The Syntax section, in particular the Objects and Document Structure subsections: The Objects subsection explains the available objects in PDF files (e.g., dictionaries, arrays, strings). The Document Structure subsection explains the dictionary entries in Catalog, Pages, and Page dictionaries.
The Type 1 fonts sub-subsection of the Simple Fonts subsection within the Text section: Explains the dictionary entries in Type 1 Font dictionaries. TrueType font dictionaries have mostly the same entries.
The two annexes containing the PDF operators: At least in version 1.7 of the specification, the first two annexes contain all the operators in the PDF language. These are the stack-language commands that position text, draw graphics, perform arithmetic, and so on.
The Example PDF Files annex: Includes a relatively simple textual PDF file (here's an even simpler one), as well as a simple graphical PDF file.

The specification also discusses PDF's more advanced features, like color profiles, embedded 3D drawings, and active content. ~~On the topic of color profiles, avoid viewing Annex L Colour Palettes ; it takes forever to render, at least using libpoppler in Ubuntu.~~ (Edit: recent versions of libpoppler are better, even if still a little slow compared to Adobe Reader.)

Decompressing PDF files with ps2pdf

The specification suggests using Acrobat to create decompressed versions of existing PDF files as a way to learn about PDF file structure. Conveniently, a free software alternative to the Distiller component of Acrobat is available: ps2pdf (part of Ghostscript). To decompress a PDF file with ps2pdf, run a command like…

ps2pdf -dCompressPages=false in.pdf out.pdf

Note that bitmap graphics in the output file will still be compressed, but all the text and vector graphics commands will be decompressed.
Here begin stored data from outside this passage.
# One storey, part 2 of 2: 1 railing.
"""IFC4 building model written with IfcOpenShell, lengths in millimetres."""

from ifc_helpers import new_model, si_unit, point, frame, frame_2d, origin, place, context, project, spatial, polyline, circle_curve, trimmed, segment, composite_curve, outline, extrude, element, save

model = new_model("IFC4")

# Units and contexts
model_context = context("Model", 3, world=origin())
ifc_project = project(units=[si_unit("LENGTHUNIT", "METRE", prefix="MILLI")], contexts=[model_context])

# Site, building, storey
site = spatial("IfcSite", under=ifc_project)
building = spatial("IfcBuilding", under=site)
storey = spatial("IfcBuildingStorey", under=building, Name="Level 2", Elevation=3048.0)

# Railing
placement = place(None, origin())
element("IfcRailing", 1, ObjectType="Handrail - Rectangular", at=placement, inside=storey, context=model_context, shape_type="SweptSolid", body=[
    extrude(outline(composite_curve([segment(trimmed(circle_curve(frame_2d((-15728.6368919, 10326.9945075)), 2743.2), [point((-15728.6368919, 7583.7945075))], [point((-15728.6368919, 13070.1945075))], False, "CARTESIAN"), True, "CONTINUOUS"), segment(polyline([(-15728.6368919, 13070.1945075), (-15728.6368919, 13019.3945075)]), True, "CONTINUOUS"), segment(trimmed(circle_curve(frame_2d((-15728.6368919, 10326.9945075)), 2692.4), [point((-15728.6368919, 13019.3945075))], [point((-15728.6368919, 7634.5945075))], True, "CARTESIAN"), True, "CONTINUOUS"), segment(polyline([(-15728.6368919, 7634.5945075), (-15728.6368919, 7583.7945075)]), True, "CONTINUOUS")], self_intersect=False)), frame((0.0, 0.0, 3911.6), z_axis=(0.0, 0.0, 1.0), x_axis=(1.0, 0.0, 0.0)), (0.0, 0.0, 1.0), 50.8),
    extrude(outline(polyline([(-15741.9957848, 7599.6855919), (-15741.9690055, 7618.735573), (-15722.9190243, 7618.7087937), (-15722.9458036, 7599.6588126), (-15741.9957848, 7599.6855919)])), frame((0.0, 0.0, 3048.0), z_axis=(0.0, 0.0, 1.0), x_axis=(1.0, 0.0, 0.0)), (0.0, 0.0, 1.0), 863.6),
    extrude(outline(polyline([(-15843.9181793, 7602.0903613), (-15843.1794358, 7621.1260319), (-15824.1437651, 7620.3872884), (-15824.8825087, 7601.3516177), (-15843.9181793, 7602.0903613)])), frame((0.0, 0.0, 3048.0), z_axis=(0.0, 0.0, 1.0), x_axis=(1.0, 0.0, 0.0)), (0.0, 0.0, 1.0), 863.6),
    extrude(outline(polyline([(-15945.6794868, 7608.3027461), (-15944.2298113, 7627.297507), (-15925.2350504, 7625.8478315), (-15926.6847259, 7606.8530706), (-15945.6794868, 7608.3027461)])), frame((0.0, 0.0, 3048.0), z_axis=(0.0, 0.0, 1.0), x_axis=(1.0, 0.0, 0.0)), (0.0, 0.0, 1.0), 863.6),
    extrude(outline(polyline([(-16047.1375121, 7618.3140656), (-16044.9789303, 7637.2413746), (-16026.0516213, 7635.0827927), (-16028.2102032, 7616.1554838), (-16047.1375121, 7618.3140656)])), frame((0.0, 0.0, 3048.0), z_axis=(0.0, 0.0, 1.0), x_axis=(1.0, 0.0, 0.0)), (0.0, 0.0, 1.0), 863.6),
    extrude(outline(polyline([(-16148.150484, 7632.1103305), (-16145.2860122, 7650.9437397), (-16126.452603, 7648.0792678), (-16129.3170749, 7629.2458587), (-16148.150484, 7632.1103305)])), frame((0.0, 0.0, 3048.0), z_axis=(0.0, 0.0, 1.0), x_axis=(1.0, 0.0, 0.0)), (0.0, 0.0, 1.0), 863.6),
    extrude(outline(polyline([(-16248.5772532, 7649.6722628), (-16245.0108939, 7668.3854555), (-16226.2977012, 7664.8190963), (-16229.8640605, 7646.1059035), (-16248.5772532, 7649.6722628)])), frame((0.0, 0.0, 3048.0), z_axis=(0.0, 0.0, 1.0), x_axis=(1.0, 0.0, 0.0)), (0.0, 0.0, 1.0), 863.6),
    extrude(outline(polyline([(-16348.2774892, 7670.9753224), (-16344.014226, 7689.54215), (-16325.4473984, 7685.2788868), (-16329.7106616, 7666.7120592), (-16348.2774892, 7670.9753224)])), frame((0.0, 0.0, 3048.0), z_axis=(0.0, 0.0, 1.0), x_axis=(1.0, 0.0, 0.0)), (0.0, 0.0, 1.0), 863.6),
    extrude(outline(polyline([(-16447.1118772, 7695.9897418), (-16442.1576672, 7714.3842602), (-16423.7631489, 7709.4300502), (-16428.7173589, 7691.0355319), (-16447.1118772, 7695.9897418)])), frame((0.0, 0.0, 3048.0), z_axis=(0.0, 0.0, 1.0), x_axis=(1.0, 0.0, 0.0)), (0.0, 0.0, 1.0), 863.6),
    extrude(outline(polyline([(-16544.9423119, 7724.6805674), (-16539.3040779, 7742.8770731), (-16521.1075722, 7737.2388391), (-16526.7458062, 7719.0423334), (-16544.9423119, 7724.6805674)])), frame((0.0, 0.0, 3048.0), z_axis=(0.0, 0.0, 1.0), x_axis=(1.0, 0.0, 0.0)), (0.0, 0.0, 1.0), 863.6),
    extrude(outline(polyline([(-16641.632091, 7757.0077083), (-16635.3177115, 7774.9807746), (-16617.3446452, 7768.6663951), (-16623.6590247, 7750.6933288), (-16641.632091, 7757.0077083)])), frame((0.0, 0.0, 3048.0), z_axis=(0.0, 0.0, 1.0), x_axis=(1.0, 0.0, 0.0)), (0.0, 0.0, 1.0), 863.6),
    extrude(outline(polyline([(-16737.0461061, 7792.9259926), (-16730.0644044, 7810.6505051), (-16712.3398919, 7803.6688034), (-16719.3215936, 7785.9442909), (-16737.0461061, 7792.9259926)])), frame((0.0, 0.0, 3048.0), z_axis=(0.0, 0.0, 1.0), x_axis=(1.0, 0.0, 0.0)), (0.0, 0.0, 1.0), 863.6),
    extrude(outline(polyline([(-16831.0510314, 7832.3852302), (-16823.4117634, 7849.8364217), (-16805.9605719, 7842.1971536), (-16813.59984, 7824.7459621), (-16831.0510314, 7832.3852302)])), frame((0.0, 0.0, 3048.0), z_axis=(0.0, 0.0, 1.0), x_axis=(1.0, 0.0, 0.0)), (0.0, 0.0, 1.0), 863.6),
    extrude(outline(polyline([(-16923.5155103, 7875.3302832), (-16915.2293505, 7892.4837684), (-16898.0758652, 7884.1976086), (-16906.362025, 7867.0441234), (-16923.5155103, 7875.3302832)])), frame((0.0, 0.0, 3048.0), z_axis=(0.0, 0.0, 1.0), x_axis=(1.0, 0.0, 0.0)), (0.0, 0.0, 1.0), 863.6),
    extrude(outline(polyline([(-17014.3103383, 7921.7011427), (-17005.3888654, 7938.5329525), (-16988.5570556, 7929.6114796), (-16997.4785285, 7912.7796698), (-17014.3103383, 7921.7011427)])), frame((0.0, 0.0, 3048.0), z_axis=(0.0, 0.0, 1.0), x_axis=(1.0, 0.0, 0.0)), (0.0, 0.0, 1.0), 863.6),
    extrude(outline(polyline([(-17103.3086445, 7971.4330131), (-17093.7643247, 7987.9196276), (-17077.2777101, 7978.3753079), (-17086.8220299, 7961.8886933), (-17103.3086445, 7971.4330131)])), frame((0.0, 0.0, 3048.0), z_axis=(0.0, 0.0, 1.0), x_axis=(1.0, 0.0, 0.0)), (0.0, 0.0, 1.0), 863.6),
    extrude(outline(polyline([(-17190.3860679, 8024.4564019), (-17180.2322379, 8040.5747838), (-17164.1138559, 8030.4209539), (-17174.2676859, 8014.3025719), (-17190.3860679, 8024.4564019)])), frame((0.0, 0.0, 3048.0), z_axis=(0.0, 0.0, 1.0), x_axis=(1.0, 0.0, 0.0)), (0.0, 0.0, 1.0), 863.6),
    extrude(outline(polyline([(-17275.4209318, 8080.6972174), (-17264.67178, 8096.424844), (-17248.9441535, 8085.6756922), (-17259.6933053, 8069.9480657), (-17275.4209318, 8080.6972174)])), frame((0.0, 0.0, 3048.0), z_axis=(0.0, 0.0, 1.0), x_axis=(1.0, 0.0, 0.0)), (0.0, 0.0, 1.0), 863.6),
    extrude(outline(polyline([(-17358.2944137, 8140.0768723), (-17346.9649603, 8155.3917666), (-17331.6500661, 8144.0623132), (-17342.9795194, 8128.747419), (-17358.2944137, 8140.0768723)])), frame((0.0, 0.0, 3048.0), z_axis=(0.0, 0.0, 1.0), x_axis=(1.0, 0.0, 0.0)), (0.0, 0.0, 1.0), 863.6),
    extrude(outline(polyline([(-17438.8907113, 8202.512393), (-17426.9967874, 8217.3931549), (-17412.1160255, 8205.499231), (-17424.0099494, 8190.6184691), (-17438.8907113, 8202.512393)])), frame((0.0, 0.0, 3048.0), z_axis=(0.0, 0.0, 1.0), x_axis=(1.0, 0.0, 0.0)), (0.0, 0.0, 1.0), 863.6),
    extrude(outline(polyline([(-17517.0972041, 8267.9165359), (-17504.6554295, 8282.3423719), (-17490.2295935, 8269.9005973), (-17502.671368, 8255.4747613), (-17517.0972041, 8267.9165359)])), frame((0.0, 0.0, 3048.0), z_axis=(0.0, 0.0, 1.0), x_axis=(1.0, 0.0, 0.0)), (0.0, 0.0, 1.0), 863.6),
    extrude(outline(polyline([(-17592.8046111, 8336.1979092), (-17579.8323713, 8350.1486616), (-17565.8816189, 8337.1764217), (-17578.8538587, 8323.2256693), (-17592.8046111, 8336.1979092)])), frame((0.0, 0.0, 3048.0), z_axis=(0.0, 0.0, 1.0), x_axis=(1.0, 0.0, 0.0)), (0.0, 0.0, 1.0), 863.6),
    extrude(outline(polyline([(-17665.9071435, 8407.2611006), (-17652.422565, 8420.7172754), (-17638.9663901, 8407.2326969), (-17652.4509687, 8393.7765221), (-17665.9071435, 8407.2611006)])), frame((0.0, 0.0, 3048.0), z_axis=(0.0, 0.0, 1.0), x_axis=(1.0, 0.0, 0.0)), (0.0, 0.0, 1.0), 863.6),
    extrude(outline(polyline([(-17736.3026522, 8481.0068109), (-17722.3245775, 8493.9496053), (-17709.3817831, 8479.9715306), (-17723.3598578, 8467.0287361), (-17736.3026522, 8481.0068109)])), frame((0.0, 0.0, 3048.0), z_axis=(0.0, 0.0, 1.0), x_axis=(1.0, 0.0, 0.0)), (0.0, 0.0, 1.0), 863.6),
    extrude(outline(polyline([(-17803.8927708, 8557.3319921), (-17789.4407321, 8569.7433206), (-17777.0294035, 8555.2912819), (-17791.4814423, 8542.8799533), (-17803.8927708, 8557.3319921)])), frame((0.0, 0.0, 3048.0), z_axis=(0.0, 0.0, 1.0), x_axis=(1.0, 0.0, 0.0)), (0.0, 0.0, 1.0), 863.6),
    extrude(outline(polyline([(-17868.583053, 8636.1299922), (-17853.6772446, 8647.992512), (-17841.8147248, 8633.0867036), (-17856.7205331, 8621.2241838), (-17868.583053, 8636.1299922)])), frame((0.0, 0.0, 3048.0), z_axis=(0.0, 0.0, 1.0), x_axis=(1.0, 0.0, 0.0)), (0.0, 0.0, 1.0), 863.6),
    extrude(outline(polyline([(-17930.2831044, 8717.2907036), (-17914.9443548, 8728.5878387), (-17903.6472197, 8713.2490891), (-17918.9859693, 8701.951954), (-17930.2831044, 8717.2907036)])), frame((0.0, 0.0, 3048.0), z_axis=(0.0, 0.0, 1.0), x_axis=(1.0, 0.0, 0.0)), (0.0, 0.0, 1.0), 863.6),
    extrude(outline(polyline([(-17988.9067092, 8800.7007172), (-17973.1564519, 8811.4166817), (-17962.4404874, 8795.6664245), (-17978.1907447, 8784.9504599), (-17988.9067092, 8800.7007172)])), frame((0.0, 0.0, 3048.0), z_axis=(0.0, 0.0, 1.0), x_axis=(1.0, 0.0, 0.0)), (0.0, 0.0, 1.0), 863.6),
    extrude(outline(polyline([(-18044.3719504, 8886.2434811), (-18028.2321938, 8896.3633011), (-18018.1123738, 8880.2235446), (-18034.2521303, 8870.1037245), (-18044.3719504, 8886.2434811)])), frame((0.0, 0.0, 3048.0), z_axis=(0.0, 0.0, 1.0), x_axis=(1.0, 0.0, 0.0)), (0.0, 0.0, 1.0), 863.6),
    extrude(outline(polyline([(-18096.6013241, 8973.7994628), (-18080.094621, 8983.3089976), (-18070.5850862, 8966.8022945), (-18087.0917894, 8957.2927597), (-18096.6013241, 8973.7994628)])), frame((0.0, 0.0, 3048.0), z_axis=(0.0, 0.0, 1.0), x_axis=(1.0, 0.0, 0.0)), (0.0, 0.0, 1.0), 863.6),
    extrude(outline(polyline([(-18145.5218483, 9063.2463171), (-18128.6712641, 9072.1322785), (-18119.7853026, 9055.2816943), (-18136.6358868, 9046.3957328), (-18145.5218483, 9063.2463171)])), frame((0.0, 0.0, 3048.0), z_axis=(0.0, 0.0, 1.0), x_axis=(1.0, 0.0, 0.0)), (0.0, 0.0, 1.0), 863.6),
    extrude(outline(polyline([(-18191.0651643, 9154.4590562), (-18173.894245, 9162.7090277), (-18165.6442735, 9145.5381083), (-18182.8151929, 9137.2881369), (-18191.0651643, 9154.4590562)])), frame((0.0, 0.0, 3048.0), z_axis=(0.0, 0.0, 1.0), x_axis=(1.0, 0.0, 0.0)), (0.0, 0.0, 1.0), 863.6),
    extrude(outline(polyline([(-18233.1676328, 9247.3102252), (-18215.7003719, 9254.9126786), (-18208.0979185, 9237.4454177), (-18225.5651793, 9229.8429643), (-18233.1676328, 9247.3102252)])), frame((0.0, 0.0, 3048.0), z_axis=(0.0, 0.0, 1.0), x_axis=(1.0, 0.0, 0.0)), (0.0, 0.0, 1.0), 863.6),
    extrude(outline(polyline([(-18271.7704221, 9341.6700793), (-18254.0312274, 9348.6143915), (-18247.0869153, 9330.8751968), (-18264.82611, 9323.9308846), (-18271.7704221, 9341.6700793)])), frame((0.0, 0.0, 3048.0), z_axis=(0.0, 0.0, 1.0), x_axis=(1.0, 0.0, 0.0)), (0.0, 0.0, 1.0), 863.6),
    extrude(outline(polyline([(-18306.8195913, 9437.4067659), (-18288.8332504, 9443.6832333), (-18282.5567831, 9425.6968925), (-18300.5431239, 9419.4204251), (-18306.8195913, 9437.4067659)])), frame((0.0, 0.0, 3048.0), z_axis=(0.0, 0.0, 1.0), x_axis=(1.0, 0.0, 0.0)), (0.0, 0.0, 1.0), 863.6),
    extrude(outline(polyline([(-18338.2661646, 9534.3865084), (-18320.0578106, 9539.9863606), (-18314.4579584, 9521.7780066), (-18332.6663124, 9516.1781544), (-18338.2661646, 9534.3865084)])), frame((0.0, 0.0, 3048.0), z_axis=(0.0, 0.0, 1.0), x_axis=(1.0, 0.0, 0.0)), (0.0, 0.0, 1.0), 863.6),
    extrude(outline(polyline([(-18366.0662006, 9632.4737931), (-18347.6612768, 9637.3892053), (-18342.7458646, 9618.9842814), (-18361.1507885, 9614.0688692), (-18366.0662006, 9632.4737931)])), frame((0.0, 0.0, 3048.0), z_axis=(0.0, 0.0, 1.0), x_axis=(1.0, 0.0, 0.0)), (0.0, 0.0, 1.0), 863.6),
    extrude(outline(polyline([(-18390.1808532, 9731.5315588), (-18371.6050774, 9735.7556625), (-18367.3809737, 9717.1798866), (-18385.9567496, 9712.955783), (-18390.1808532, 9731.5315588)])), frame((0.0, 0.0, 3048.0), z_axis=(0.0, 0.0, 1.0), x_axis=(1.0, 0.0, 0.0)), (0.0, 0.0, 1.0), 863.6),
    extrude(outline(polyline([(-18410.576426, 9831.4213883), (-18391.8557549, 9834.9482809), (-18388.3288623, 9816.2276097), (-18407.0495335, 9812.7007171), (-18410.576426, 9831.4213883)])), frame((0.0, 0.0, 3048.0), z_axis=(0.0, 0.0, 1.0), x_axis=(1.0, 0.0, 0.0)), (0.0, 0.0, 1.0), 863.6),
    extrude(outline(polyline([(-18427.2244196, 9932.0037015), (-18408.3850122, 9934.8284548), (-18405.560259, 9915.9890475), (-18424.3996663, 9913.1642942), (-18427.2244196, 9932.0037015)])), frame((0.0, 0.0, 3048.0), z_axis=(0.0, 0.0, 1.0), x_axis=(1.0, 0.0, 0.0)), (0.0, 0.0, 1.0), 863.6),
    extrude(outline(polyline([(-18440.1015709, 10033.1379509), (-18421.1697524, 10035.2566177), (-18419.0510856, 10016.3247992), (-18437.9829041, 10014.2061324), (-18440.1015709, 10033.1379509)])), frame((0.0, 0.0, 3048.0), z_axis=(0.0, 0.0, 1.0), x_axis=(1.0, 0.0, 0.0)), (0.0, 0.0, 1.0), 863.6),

PDF uses a stack-based command language

PDF's ancestor PostScript is a full stack-based programming language. Commands are run in PostScript by pushing arguments on the stack (for example 1 2) and then invoking operators (for example add). Although PDF does not have all of the capabilities of PostScript, it too works by pushing arguments on the stack and invoking operators.

So in the lines…

0 0 Td
(Hello hello.) Tj

the PDF interpreter first pushes 0 and 0 on the stack. It then calls Td. Td pops the top two items from the stack and uses them to set the text display position. In the second line, the interpreter pushes the string Hello hello. and calls Tj to pop the string and write it on the page.

PDF files contain 4 parts

the header
the document body, containing at least 3 indirect objects
the xref cross-reference table
the trailer (including startxref and %%EOF).

The header

%PDF-1.1
%¥±ë

Take for example a minimal PDF file. It is specified as a version 1.1 PDF file because it is limited to features available in 1.1. The second line comment contains 6 high bit characters (displayed as 3 characters in UTF-8 encoding), as required by the File Header subsection of the specification (Section 7.5.2):

If a PDF file contains binary data, as most do (see 7.2, "Lexical Conventions"), the header line shall be immediately followed by a comment line containing at least four binary characters—that is, characters whose codes are 128 or greater. This ensures proper behaviour of file transfer applications that inspect data near the beginning of a file to determine whether to treat the file’s contents as text or as binary.

The body

As seen in the minimal PDF file, only 4 indirect objects are required to display a single page of text: an indirect Catalog dictionary, an indirect Pages dictionary, an indirect Page dictionary, and an indirect stream. Indirect objects are accessed by reference. A reference looks like 2 0 R. 2 is the object number, 0 is the generation number, and R is the operator. In contrast, direct objects appear directly inline. Any datum in the body that is not a reference to an indirect object is a direct object.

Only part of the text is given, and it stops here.